To join features from different matrices, you can use `numpy`'s `hstack` method, like so: 

In [14]:
import numpy as np

# Synthetic data
a = np.array(np.zeros(6)).reshape(3,2)
print('a\n',a)

b = np.array(np.ones(6)).reshape(3,2)
print('\nb\n', b)

c = np.hstack([a,b])
print('\nc (stacked)\n', c)

a
 [[0. 0.]
 [0. 0.]
 [0. 0.]]

b
 [[1. 1.]
 [1. 1.]
 [1. 1.]]

c (stacked)
 [[0. 0. 1. 1.]
 [0. 0. 1. 1.]
 [0. 0. 1. 1.]]


In [15]:
# Add synthetic data columns to right side of feature array
X_stacked = np.hstack([X,a])
print(X_stacked)

[[  5.  16.   2.   7.   1.   0.   1.   2.   1.  11.   0.   0.   1.   0.
   18.   2.   4.  17.   4.  12.   2.   0.   0.   0.  12.   0.   1.   1.
    0.   0.   0.   1.   0. 115.   0.   0.]
 [  7.  13.   5.   3.   2.   1.   0.   3.   0.  10.   2.   0.   0.   0.
   27.   1.   1.  13.   5.  23.   1.   1.   1.   0.  14.   0.   0.   0.
    1.   1.   1.   0.   0. 126.   0.   0.]
 [  5.   7.   4.   9.   0.   0.   0.   2.   0.   9.   0.   1.   0.   1.
   17.   1.   7.  14.   2.  14.   3.   0.   0.   1.  20.   1.   0.   0.
    0.   0.   0.   0.   1. 114.   0.   0.]]


Note that you need to keep track of your feature names when you do this. The vectorizer object will still give you the names of the columns that it produced, but you might now have multiple vectorizers, each of which is responsible for part of your stacked feature matrix. This isn't a problem, but be aware that you'll need to deal with it. 

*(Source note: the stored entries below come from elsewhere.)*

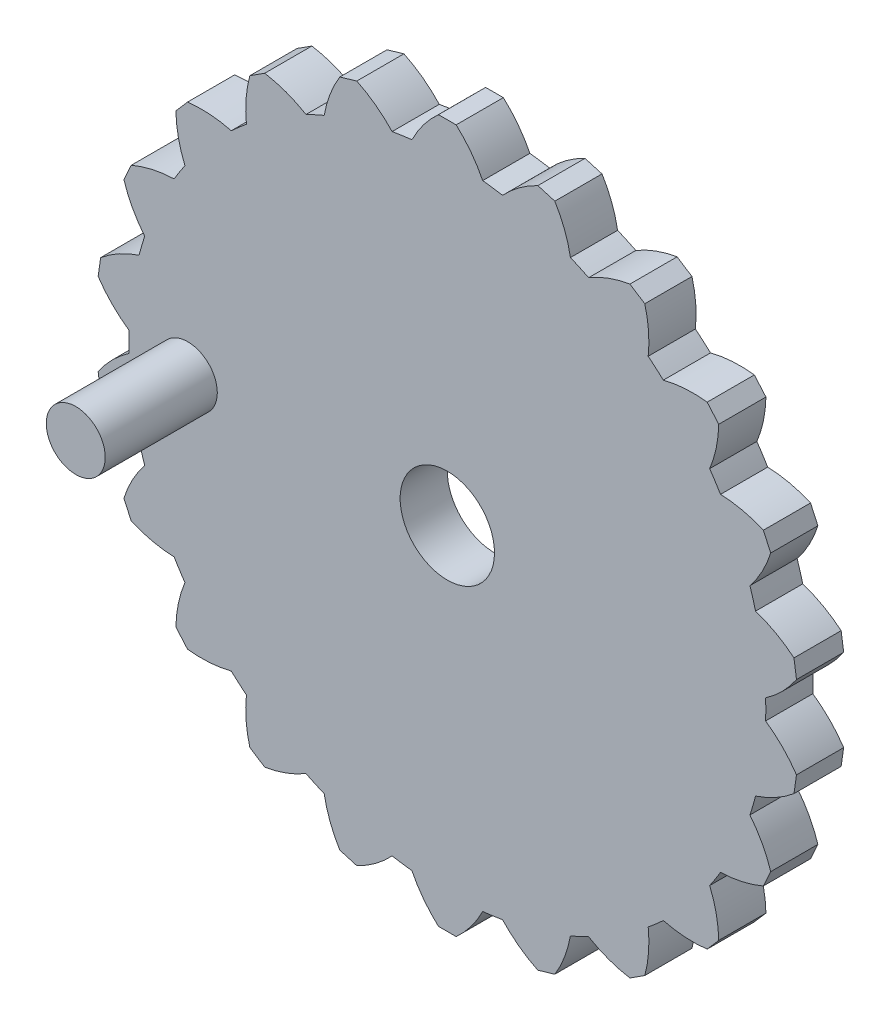
from build123d import *

# Parameters (mm, degrees)
GEAR_PROFILE_SKETCH_R = 4
GEAR_BODY_22T_DEPTH   = 4
SKETCH1_3_R           = 2.5
HUB_BOSS_DEPTH        = 9.5


with BuildPart() as part:
    # Gear Profile Sketch → Gear Body 22T (new body)
    with BuildSketch(Plane.XY):
        with BuildLine():
            Line((-0.75, 29.8), (0.75, 29.8))
            ThreePointArc((0.75, 29.8), (2.014333197, 28.422063485), (3, 26.83281573))
            ThreePointArc((3, 26.83281573), (3.842500633, 26.725178931), (4.681198862, 26.591095826))
            ThreePointArc((4.681198862, 26.591095826), (6.074682067, 27.838273451), (7.676010464, 28.804190031))
            Line((7.676010464, 28.804190031), (9.115249924, 28.381591196))
            ThreePointArc((9.115249924, 28.381591196), (9.940159165, 26.703266967), (10.438156704, 24.900700485))
            ThreePointArc((10.438156704, 24.900700485), (11.216205351, 24.560063875), (11.983154832, 24.195123481))
            ThreePointArc((11.983154832, 24.195123481), (13.671562718, 24.999192063), (15.480156211, 25.474835891))
            Line((15.480156211, 25.474835891), (16.74203651, 24.663874665))
            ThreePointArc((16.74203651, 24.663874665), (17.060692554, 22.821130571), (17.030676029, 20.951278576))
            ThreePointArc((17.030676029, 20.951278576), (17.681239817, 20.405238508), (18.314306865, 19.839006126))
            ThreePointArc((18.314306865, 19.839006126), (20.160854665, 20.13482481), (22.030191765, 20.081662052))
            Line((22.030191765, 20.081662052), (23.012482866, 18.948037691))
            ThreePointArc((23.012482866, 18.948037691), (22.799070097, 17.090161898), (22.243471269, 15.30450868))
            ThreePointArc((22.243471269, 15.30450868), (22.713845386, 14.597302071), (23.161742674, 13.875650481))
            ThreePointArc((23.161742674, 13.875650481), (25.016834069, 13.639253797), (26.795472202, 13.061591384))
            Line((26.795472202, 13.061591384), (27.418594721, 11.697143391))
            ThreePointArc((27.418594721, 11.697143391), (26.690402571, 9.974649947), (25.654232752, 8.417858509))
            ThreePointArc((25.654232752, 8.417858509), (25.906310288, 7.606779035), (26.132751841, 6.788172157))
            ThreePointArc((26.132751841, 6.788172157), (27.846098357, 6.038711558), (29.389942839, 4.983348262))
            Line((29.389942839, 4.983348262), (29.603415097, 3.498616099))
            ThreePointArc((29.603415097, 3.498616099), (28.419437363, 2.051051179), (26.98664087, 0.849243505))
            ThreePointArc((26.98664087, 0.849243505), (27, 0), (26.98664087, -0.849243505))
            ThreePointArc((26.98664087, -0.849243505), (28.419437363, -2.051051179), (29.603415097, -3.498616099))
            Line((29.603415097, -3.498616099), (29.389942839, -4.983348262))
            ThreePointArc((29.389942839, -4.983348262), (27.846098357, -6.038711558), (26.132751841, -6.788172157))
            ThreePointArc((26.132751841, -6.788172157), (25.906310288, -7.606779035), (25.654232752, -8.417858509))
            ThreePointArc((25.654232752, -8.417858509), (26.690402571, -9.974649947), (27.418594721, -11.697143391))
            Line((27.418594721, -11.697143391), (26.795472202, -13.061591384))
            ThreePointArc((26.795472202, -13.061591384), (25.016834069, -13.639253797), (23.161742674, -13.875650481))
            ThreePointArc((23.161742674, -13.875650481), (22.713845386, -14.597302071), (22.243471269, -15.30450868))
            ThreePointArc((22.243471269, -15.30450868), (22.799070097, -17.090161898), (23.012482866, -18.948037691))
            Line((23.012482866, -18.948037691), (22.030191765, -20.081662052))
            ThreePointArc((22.030191765, -20.081662052), (20.160854665, -20.13482481), (18.314306865, -19.839006126))
            ThreePointArc((18.314306865, -19.839006126), (17.681239817, -20.405238508), (17.030676029, -20.951278576))
            ThreePointArc((17.030676029, -20.951278576), (17.060692554, -22.821130571), (16.74203651, -24.663874665))
            Line((16.74203651, -24.663874665), (15.480156211, -25.474835891))
            ThreePointArc((15.480156211, -25.474835891), (13.671562718, -24.999192063), (11.983154832, -24.195123481))
            ThreePointArc((11.983154832, -24.195123481), (11.216205351, -24.560063875), (10.438156704, -24.900700485))
            ThreePointArc((10.438156704, -24.900700485), (9.940159165, -26.703266967), (9.115249924, -28.381591196))
            Line((9.115249924, -28.381591196), (7.676010464, -28.804190031))
            ThreePointArc((7.676010464, -28.804190031), (6.074682067, -27.838273451), (4.681198862, -26.591095826))
            ThreePointArc((4.681198862, -26.591095826), (3.842500633, -26.725178931), (3, -26.83281573))
            ThreePointArc((3, -26.83281573), (2.014333197, -28.422063485), (0.75, -29.8))
            Line((0.75, -29.8), (-0.75, -29.8))
            ThreePointArc((-0.75, -29.8), (-2.014333197, -28.422063485), (-3, -26.83281573))
            ThreePointArc((-3, -26.83281573), (-3.842500633, -26.725178931), (-4.681198862, -26.591095826))
            ThreePointArc((-4.681198862, -26.591095826), (-6.074682067, -27.838273451), (-7.676010464, -28.804190031))
            Line((-7.676010464, -28.804190031), (-9.115249924, -28.381591196))
            ThreePointArc((-9.115249924, -28.381591196), (-9.940159165, -26.703266967), (-10.438156704, -24.900700485))
            ThreePointArc((-10.438156704, -24.900700485), (-11.216205351, -24.560063875), (-11.983154832, -24.195123481))
            ThreePointArc((-11.983154832, -24.195123481), (-13.671562718, -24.999192063), (-15.480156211, -25.474835891))
            Line((-15.480156211, -25.474835891), (-16.74203651, -24.663874665))
            ThreePointArc((-16.74203651, -24.663874665), (-17.060692554, -22.821130571), (-17.030676029, -20.951278576))
            ThreePointArc((-17.030676029, -20.951278576), (-17.681239817, -20.405238508), (-18.314306865, -19.839006126))
            ThreePointArc((-18.314306865, -19.839006126), (-20.160854665, -20.13482481), (-22.030191765, -20.081662052))
            Line((-22.030191765, -20.081662052), (-23.012482866, -18.948037691))
            ThreePointArc((-23.012482866, -18.948037691), (-22.799070097, -17.090161898), (-22.243471269, -15.30450868))
            ThreePointArc((-22.243471269, -15.30450868), (-22.713845386, -14.597302071), (-23.161742674, -13.875650481))
            ThreePointArc((-23.161742674, -13.875650481), (-25.016834069, -13.639253797), (-26.795472202, -13.061591384))
            Line((-26.795472202, -13.061591384), (-27.418594721, -11.697143391))
            ThreePointArc((-27.418594721, -11.697143391), (-26.690402571, -9.974649947), (-25.654232752, -8.417858509))
            ThreePointArc((-25.654232752, -8.417858509), (-25.906310288, -7.606779035), (-26.132751841, -6.788172157))
            ThreePointArc((-26.132751841, -6.788172157), (-27.846098357, -6.038711558), (-29.389942839, -4.983348262))
            Line((-29.389942839, -4.983348262), (-29.603415097, -3.498616099))
            ThreePointArc((-29.603415097, -3.498616099), (-28.419437363, -2.051051179), (-26.98664087, -0.849243505))
            ThreePointArc((-26.98664087, -0.849243505), (-27, 0), (-26.98664087, 0.849243505))
            ThreePointArc((-26.98664087, 0.849243505), (-28.419437363, 2.051051179), (-29.603415097, 3.498616099))
            Line((-29.603415097, 3.498616099), (-29.389942839, 4.983348262))
            ThreePointArc((-29.389942839, 4.983348262), (-27.846098357, 6.038711558), (-26.132751841, 6.788172157))
            ThreePointArc((-26.132751841, 6.788172157), (-25.906310288, 7.606779035), (-25.654232752, 8.417858509))
            ThreePointArc((-25.654232752, 8.417858509), (-26.690402571, 9.974649947), (-27.418594721, 11.697143391))
            Line((-27.418594721, 11.697143391), (-26.795472202, 13.061591384))
            ThreePointArc((-26.795472202, 13.061591384), (-25.016834069, 13.639253797), (-23.161742674, 13.875650481))
            ThreePointArc((-23.161742674, 13.875650481), (-22.713845386, 14.597302071), (-22.243471269, 15.30450868))
            ThreePointArc((-22.243471269, 15.30450868), (-22.799070097, 17.090161898), (-23.012482866, 18.948037691))
            Line((-23.012482866, 18.948037691), (-22.030191765, 20.081662052))
            ThreePointArc((-22.030191765, 20.081662052), (-20.160854665, 20.13482481), (-18.314306865, 19.839006126))
            ThreePointArc((-18.314306865, 19.839006126), (-17.681239817, 20.405238508), (-17.030676029, 20.951278576))
            ThreePointArc((-17.030676029, 20.951278576), (-17.060692554, 22.821130571), (-16.74203651, 24.663874665))
            Line((-16.74203651, 24.663874665), (-15.480156211, 25.474835891))
            ThreePointArc((-15.480156211, 25.474835891), (-13.671562718, 24.999192063), (-11.983154832, 24.195123481))
            ThreePointArc((-11.983154832, 24.195123481), (-11.216205351, 24.560063875), (-10.438156704, 24.900700485))
            ThreePointArc((-10.438156704, 24.900700485), (-9.940159165, 26.703266967), (-9.115249924, 28.381591196))
            Line((-9.115249924, 28.381591196), (-7.676010464, 28.804190031))
            ThreePointArc((-7.676010464, 28.804190031), (-6.074682067, 27.838273451), (-4.681198862, 26.591095826))
            ThreePointArc((-4.681198862, 26.591095826), (-3.842500633, 26.725178931), (-3, 26.83281573))
            ThreePointArc((-3, 26.83281573), (-2.014333197, 28.422063485), (-0.75, 29.8))
        make_face()
        Circle(GEAR_PROFILE_SKETCH_R, mode=Mode.SUBTRACT)
    extrude(amount=-GEAR_BODY_22T_DEPTH)

    # Sketch1_3 → Hub Boss (add)
    with BuildSketch(Plane.XY):
        with Locations((-22, 0)):
            Circle(SKETCH1_3_R)
    extrude(amount=HUB_BOSS_DEPTH)


solid = part.part

Of course, you need to have ordered your documents in the same way through each of the different vectorization steps if you're going to stack them as we've done here (so that you aren't mixing features from different documents within each row of the feature matrix). If you're using Pandas (rather than NumPy) to store your features, you could use `join` or `merge` to make sure that your feature data is proerly aligned by object identifier.